Ok, wer von euch ist so freundlich und erläutert mir mal das Skript? So rein aus Interesse wäre es mal ganz interessant zu wissen, was das Ding macht. ICh versteh da nur maximal ein Viertel davon.

----------

## steveb

 *PhoenixCP wrote:*   

> Ok, wer von euch ist so freundlich und erläutert mir mal das Skript? So rein aus Interesse wäre es mal ganz interessant zu wissen, was das Ding macht. ICh versteh da nur maximal ein Viertel davon.

 

das skript verwendet folgende daten:

- die anzahl tage von uptime

- die anzahl mhz von deinem prozessor

- die anzahl benuzten speicher (inkl virtuellen speicher)

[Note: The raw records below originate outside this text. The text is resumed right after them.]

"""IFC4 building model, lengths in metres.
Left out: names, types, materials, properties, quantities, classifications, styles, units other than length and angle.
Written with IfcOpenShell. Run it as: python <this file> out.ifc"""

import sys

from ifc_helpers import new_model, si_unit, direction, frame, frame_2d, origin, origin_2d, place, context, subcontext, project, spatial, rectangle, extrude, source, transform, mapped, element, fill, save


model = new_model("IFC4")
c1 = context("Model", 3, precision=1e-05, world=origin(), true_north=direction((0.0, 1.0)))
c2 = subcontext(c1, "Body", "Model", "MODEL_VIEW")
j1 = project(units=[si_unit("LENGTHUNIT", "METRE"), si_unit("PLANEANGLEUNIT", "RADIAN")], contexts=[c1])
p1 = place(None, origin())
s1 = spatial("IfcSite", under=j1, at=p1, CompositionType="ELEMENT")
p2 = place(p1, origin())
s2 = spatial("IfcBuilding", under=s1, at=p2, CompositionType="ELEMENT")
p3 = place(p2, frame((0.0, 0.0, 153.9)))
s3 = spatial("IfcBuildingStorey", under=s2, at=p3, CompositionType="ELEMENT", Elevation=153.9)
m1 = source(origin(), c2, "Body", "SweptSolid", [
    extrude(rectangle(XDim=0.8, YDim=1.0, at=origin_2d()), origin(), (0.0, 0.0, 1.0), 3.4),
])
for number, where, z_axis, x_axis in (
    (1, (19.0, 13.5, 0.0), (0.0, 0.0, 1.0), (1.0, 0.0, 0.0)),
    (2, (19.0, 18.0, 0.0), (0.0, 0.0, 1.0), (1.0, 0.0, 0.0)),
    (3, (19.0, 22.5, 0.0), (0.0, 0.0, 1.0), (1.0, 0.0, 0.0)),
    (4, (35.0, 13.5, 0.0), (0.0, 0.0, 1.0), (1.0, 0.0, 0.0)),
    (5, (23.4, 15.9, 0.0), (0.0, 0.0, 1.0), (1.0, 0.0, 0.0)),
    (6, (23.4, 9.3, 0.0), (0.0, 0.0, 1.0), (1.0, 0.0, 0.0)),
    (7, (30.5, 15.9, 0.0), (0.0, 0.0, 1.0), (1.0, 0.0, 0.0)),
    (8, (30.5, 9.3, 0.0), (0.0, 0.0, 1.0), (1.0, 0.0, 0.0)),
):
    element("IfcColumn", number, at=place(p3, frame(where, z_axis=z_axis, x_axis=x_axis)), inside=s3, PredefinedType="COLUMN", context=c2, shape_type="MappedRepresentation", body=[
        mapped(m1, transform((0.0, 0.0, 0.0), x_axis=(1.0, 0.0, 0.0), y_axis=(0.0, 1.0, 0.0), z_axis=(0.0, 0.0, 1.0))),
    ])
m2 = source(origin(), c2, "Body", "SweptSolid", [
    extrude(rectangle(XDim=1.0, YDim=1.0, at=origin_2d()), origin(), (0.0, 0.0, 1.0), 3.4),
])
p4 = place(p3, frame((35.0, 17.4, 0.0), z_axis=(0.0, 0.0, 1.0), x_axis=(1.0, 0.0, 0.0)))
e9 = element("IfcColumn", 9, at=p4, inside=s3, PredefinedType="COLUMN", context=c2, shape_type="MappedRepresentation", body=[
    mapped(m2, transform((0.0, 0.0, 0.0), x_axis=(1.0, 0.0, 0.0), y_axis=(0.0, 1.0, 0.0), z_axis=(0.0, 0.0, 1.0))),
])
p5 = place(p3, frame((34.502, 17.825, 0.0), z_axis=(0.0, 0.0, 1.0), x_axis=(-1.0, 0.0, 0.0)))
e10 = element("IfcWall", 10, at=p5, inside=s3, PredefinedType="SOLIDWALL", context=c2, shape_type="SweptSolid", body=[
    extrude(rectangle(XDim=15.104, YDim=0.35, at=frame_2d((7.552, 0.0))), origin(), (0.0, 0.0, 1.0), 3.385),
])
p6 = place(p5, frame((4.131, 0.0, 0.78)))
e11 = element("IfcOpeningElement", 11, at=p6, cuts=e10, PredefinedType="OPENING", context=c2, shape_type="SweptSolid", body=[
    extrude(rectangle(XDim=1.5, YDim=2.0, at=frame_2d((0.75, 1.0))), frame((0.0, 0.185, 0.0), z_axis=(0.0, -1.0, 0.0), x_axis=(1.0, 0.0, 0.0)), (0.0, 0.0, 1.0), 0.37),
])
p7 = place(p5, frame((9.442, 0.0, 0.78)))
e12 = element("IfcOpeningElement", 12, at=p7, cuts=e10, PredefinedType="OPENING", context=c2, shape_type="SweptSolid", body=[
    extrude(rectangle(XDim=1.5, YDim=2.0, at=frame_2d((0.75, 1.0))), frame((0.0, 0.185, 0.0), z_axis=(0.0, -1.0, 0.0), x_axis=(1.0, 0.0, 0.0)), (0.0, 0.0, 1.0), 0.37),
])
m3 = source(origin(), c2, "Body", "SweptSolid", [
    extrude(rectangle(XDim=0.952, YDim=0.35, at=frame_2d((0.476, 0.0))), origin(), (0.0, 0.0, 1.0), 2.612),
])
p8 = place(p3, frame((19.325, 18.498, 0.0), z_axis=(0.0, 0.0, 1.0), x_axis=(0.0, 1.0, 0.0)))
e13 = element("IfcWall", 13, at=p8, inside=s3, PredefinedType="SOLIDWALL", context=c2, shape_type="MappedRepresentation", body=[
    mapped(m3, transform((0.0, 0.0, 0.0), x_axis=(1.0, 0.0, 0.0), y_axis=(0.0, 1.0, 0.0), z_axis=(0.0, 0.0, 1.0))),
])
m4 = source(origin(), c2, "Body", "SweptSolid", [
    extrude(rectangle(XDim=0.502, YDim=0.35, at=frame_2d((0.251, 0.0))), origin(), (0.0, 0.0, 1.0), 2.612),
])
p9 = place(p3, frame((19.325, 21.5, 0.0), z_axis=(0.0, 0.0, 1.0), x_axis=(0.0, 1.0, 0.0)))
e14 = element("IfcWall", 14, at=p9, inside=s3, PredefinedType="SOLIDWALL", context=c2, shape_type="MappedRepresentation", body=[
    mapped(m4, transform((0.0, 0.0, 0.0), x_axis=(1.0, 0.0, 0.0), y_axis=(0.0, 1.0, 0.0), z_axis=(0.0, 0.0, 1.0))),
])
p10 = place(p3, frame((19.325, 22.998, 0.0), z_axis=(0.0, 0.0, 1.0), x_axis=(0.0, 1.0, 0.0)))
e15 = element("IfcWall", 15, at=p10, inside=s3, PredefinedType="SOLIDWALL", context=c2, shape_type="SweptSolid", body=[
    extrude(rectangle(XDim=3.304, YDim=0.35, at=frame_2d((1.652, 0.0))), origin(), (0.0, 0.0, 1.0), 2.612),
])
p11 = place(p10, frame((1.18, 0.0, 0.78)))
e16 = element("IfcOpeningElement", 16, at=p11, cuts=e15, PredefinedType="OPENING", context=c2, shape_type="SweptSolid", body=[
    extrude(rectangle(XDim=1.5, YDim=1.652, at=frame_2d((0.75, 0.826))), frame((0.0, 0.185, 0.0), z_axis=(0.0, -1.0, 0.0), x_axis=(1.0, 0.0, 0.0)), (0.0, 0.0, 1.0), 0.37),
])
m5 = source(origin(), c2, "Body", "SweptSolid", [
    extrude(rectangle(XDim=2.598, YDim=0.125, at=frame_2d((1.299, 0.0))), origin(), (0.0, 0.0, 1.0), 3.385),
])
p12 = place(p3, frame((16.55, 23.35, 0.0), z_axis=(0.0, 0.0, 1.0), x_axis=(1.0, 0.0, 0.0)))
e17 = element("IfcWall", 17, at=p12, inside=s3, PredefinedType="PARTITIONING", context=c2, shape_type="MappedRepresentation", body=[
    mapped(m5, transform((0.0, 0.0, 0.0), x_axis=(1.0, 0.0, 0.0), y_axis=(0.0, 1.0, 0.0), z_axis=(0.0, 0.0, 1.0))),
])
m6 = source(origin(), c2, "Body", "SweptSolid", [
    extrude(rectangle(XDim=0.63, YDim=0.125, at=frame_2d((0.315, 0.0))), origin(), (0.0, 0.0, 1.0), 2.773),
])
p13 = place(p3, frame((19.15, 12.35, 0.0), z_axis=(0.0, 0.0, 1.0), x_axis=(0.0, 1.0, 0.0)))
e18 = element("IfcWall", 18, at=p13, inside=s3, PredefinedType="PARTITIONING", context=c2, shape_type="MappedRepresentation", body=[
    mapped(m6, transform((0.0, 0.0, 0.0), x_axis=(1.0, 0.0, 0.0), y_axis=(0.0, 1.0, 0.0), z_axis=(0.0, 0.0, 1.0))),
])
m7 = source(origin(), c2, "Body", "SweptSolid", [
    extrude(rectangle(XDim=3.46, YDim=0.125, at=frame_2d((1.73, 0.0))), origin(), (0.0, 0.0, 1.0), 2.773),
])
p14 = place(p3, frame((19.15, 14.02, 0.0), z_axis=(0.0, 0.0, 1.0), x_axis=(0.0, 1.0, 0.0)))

- die anzahl von verfügbarem speicher aller gemounteten systeme exkl nfs

dann rechnet es diese zahlen zusammen und berechnet daraus die länge deines ding-dong's  :Wink: 

gruss

steve

----------

## PhoenixCP

*Mal eben sein Windows-Platten mountet*

----------

## hiroki

und nun die alles bedeutende frage:

wieso gibt es bei mir eine fehlermeldung ???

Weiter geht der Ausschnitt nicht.